U.S. power, influence will decline in future, report saysStory Highlights
Report says China will have growing impact, second largest economy by 2025

There will be an unprecedented global transfer of power because of oil, report says

Indonesia, Iran, Turkey, will likely see power, desire for natural resources increase

"Unprecedented" growth means demand for basic resources will outweigh supply

By Alan Silverleib
CNN

WASHINGTON (CNN) -- A government report released Thursday paints an alarming picture of an unstable future for international relations defined by waning American influence, a fragmentation of political power and intensifying struggles for increasingly scarce natural resources.


The report aims to better inform policymakers, starting with the administration of President-elect Barack Obama .

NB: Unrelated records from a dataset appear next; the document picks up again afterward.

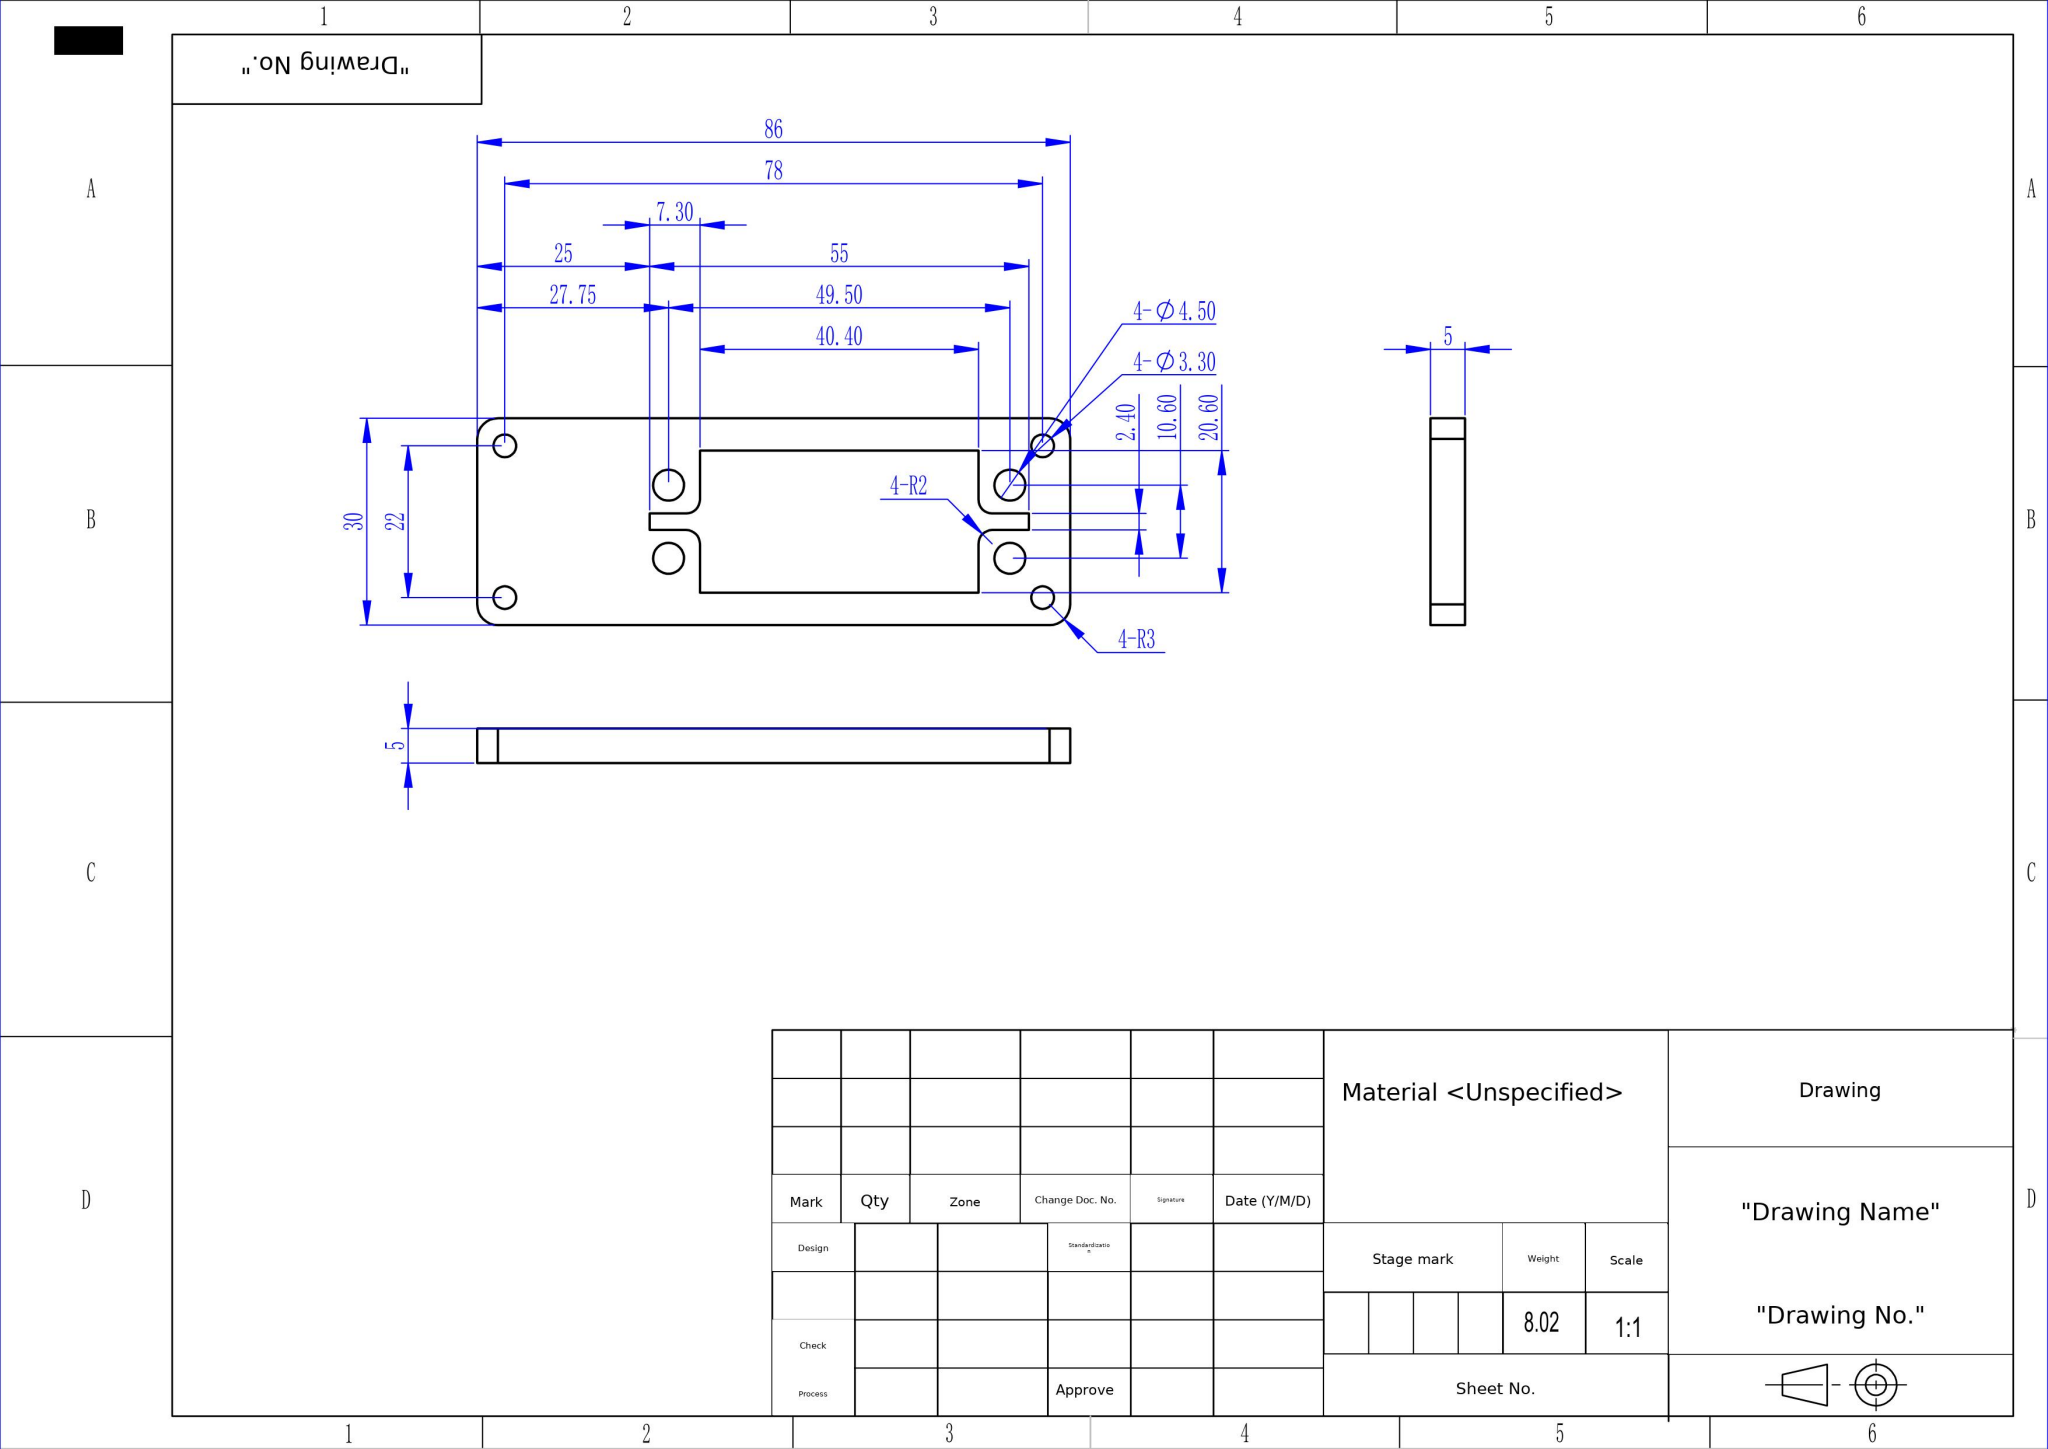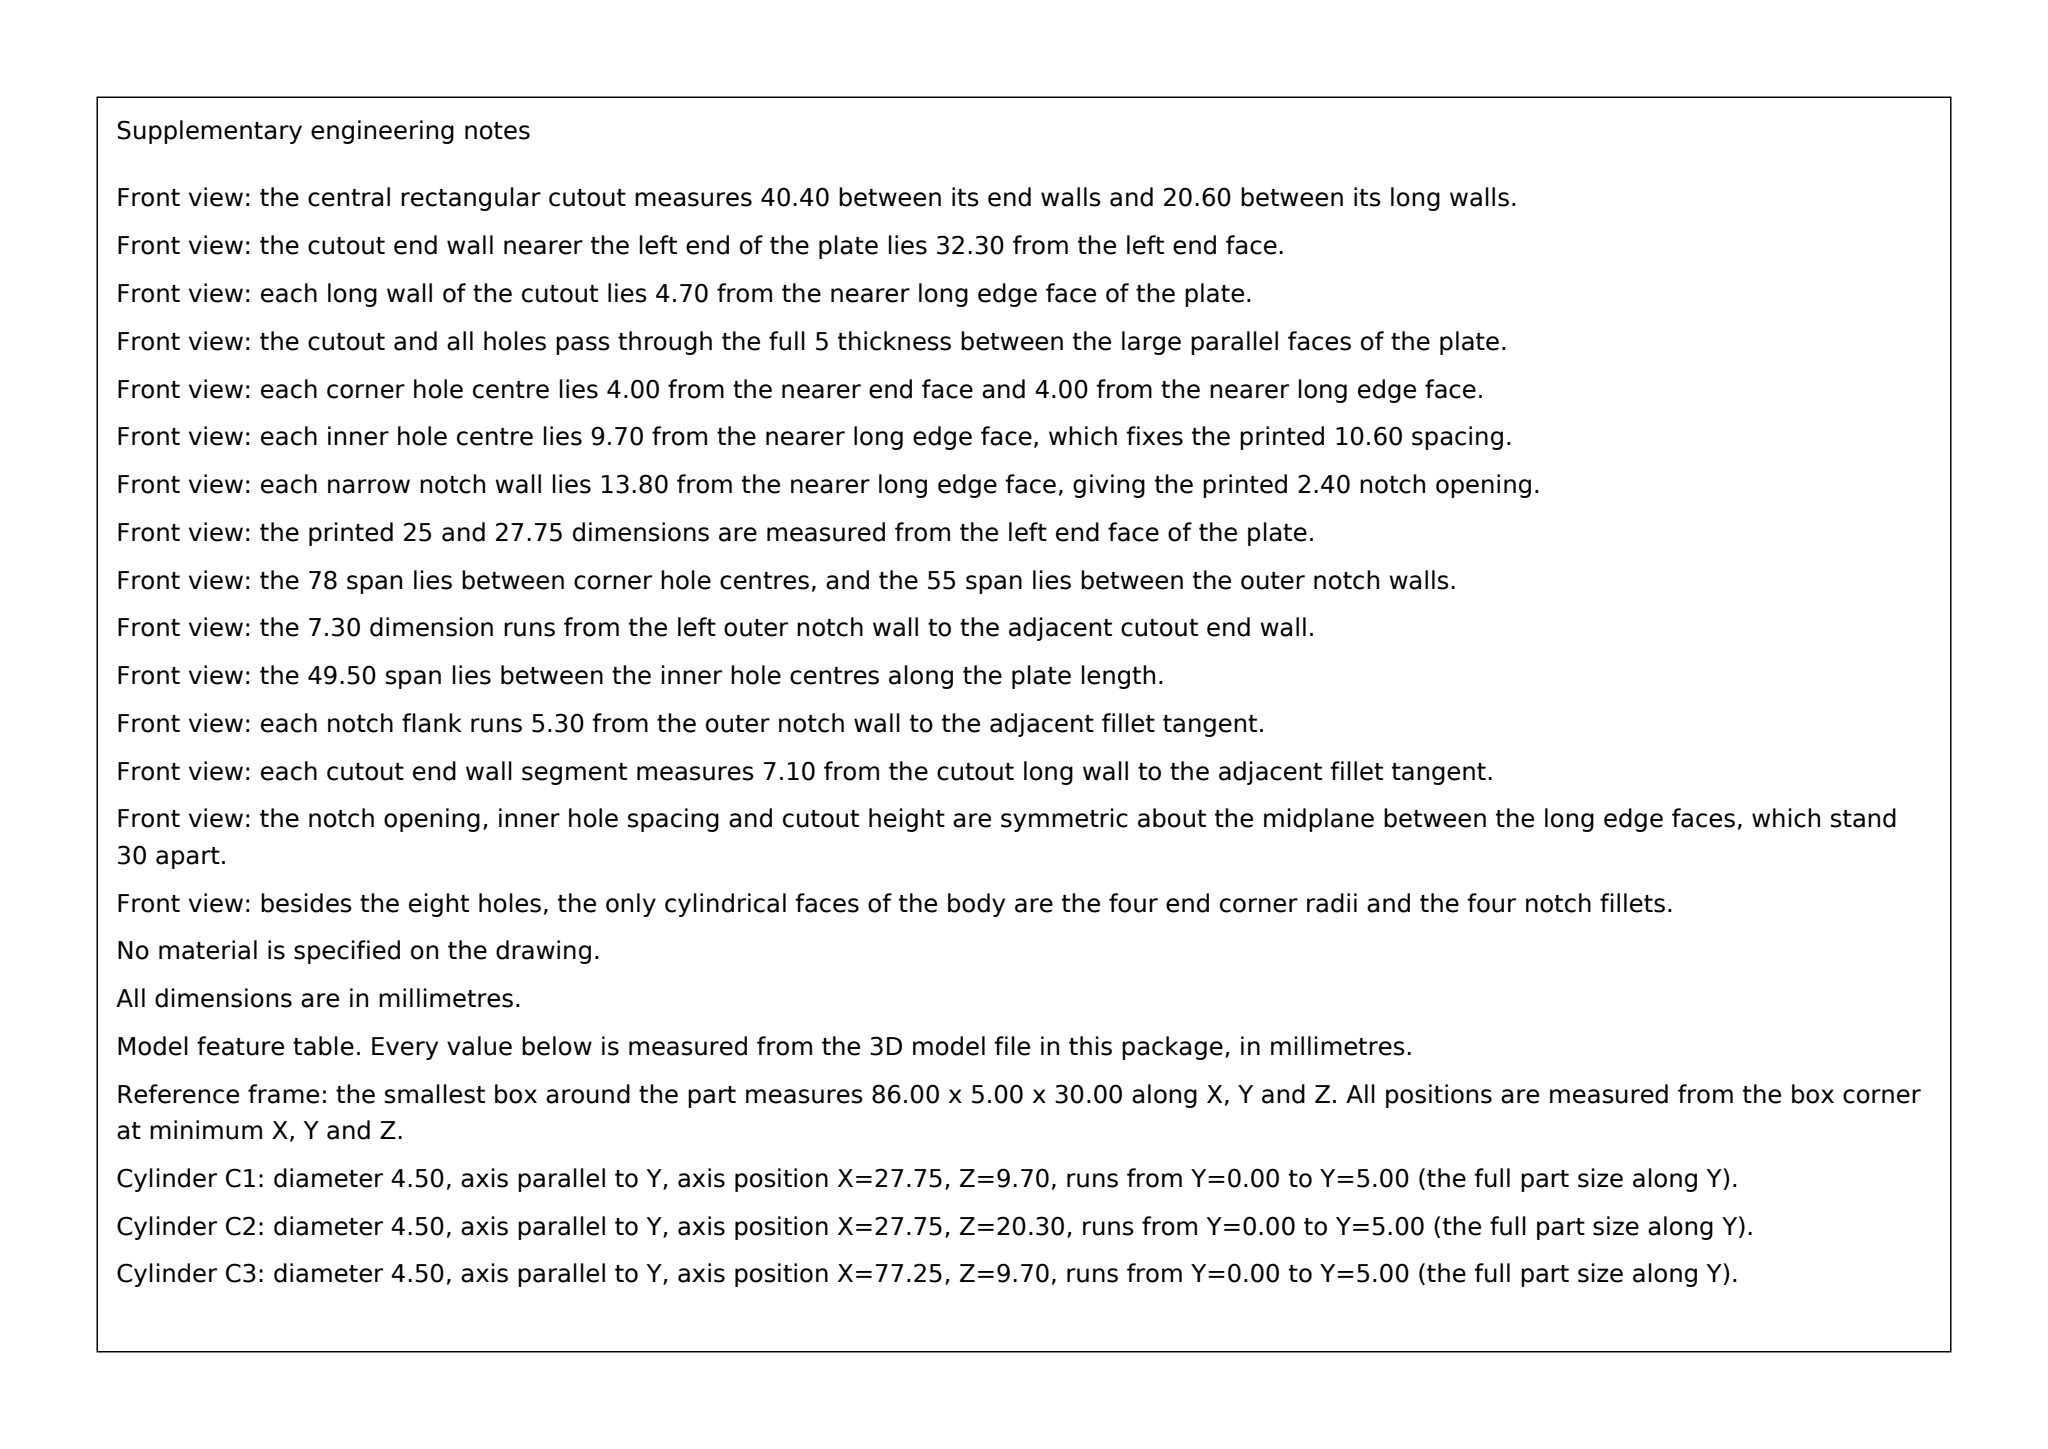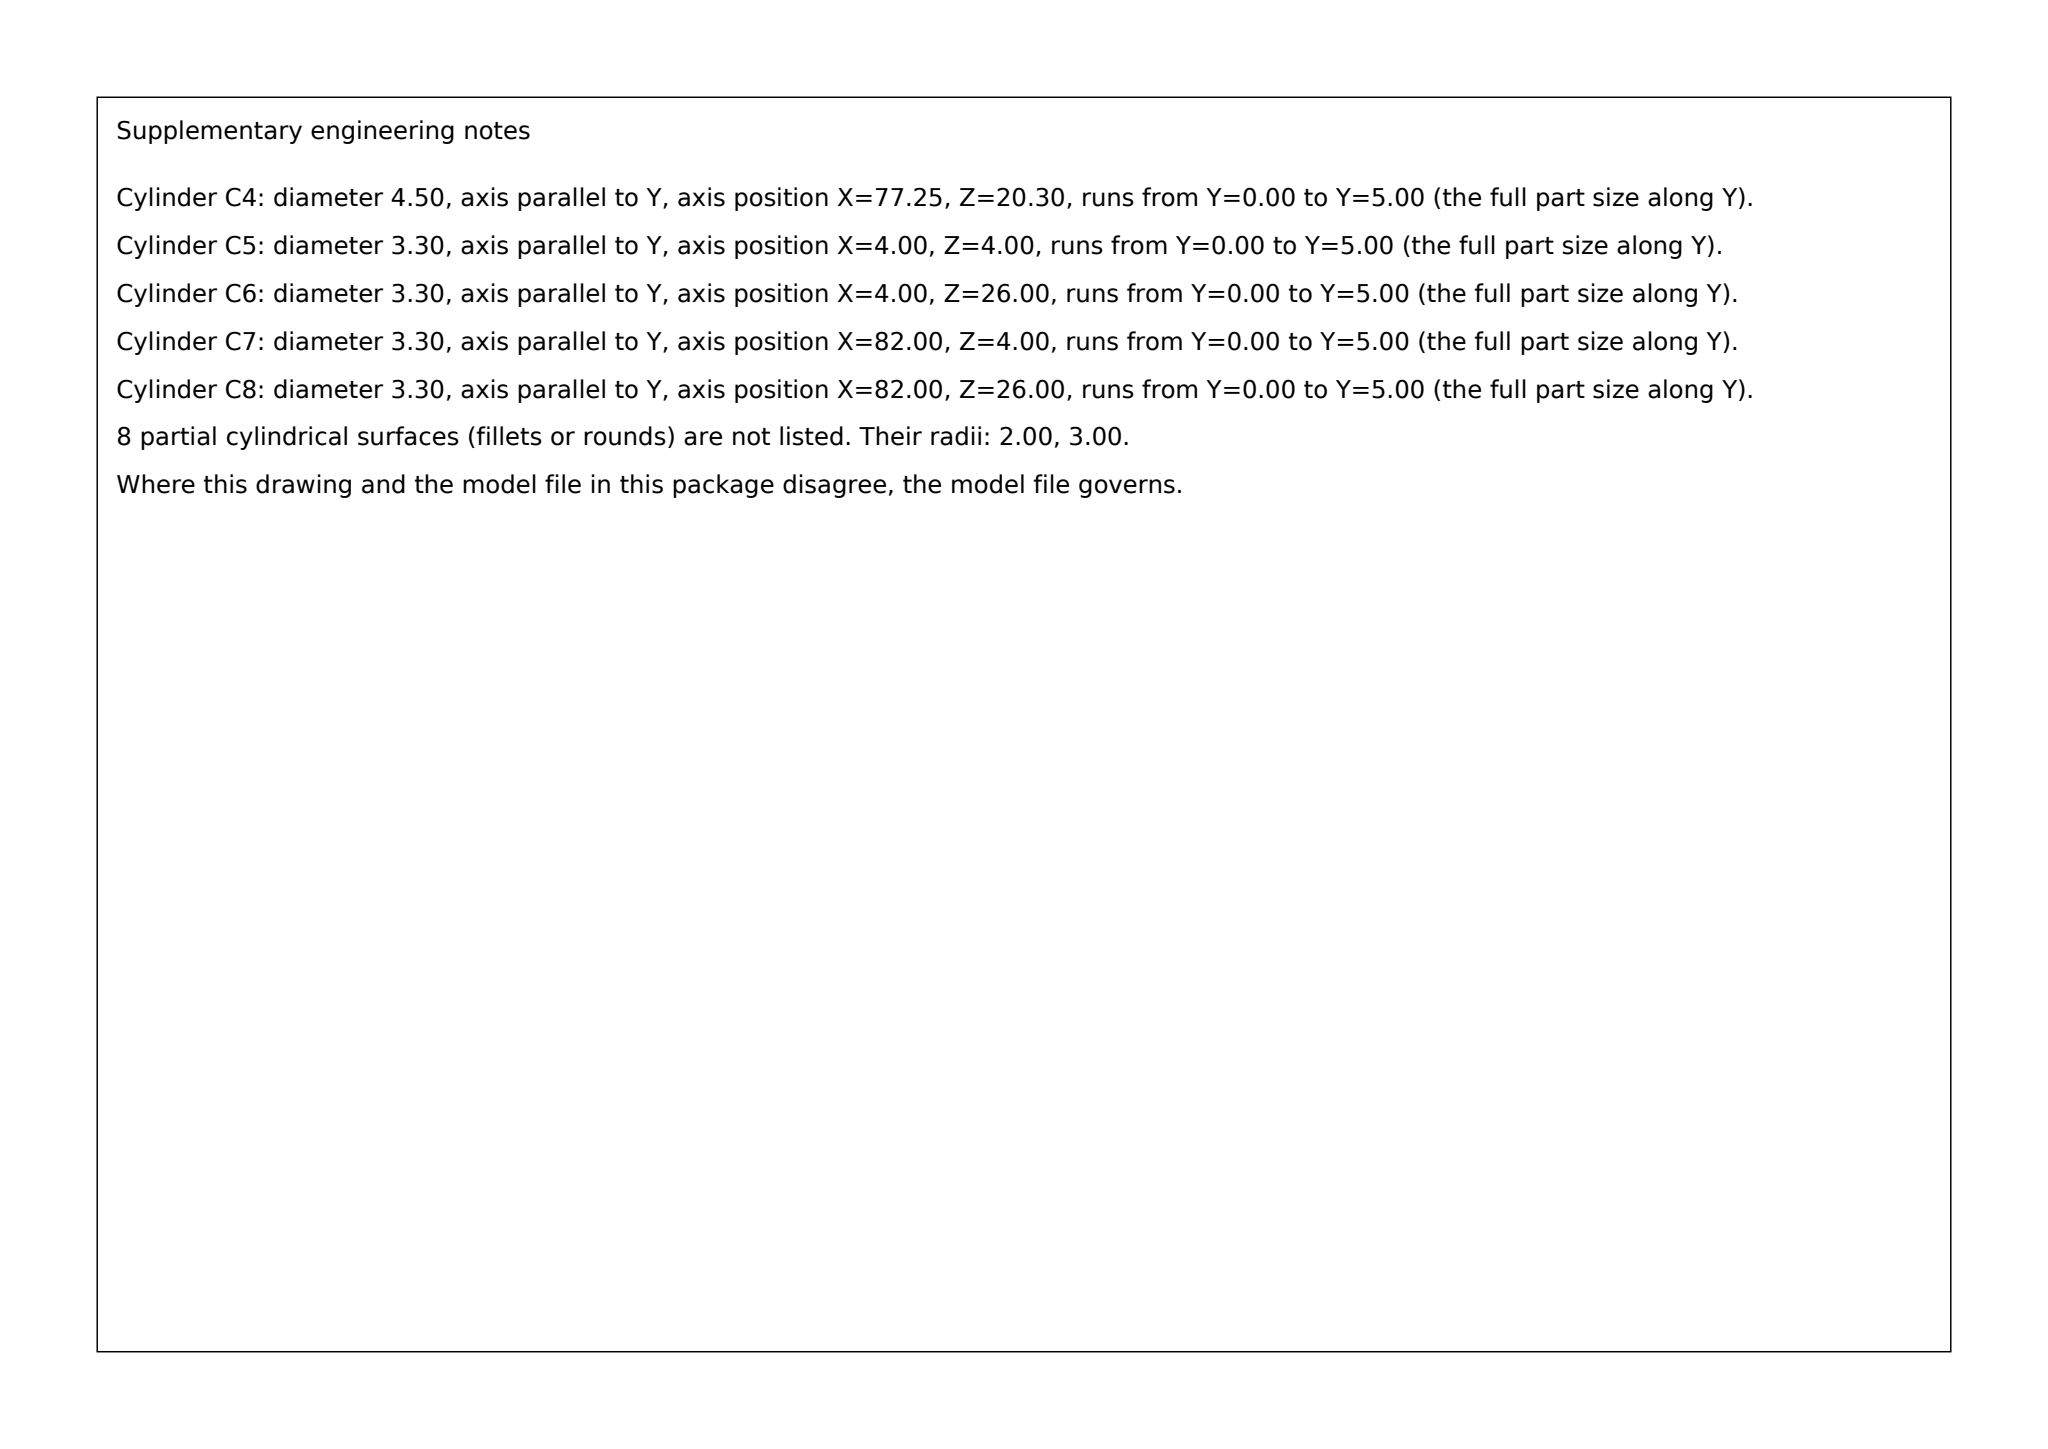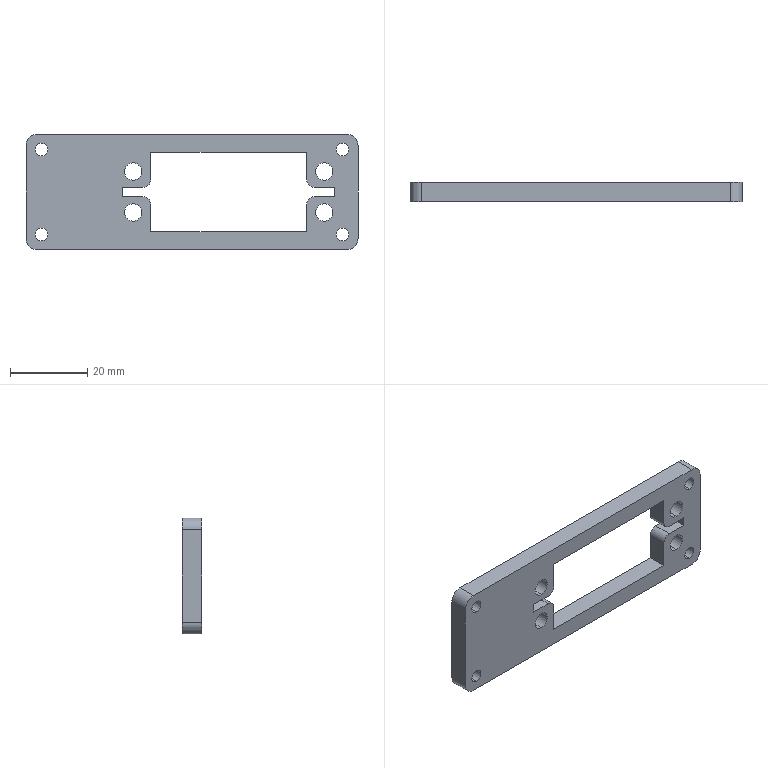Part | SolidWorks | mm | 1 solid | 42 faces | box 86 x 5 x 30 mm | volume 8019 mm3 | cylinder 24 | plane 18 | commonest cylinder face diameters 4.5 x8 3.3 x8 6 x4 4 x4
Drawing notes:
4-Ø4.00 RELIEF HOLES THRU AT SLOT/POCKET JUNCTION | from the solid: cylinders dia 4.0, axis y, length 5.0 (= full 5 thk), qty 4
Ø4.00 RELIEF CTRS: 30.30 & 74.70 FROM LH END, 11.80 & 18.20 FROM BTM | from the solid: 4.0 dia cyl pos (30.3,11.8),(30.3,18.2),(74.7,11.8),(74.7,18.2); bbox 86x30
build123d program:
from build123d import *

# Parameters (mm, degrees)
SKETCH1_R           = 1.65
SKETCH1_R_2         = 2.25
BOSS_EXTRUDE1_DEPTH = 5
FILLET1_R           = 2


with BuildPart() as part:
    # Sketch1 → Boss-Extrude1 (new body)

The report, "Global Trends 2025: A Transformed World," was drafted by the National Intelligence Council to better inform U.S. policymakers -- starting with the incoming administration of President-elect Barack Obama -- about the factors most likely to shape major international trends and conflicts through the year 2025.

"Although the United States is likely to remain the single most powerful actor, the United States' relative strength -- even in the military realm -- will decline and U.S. leverage will become more constrained," says the report, which is the fourth in a series from the Intelligence Council.

The report argues that the "international system -- as constructed following the second World War -- will be almost unrecognizable by 2025 owing to the rise of emerging powers, a globalizing economy, an historic transfer of relative wealth and economic power from West to East, and the growing influence of nonstate actors."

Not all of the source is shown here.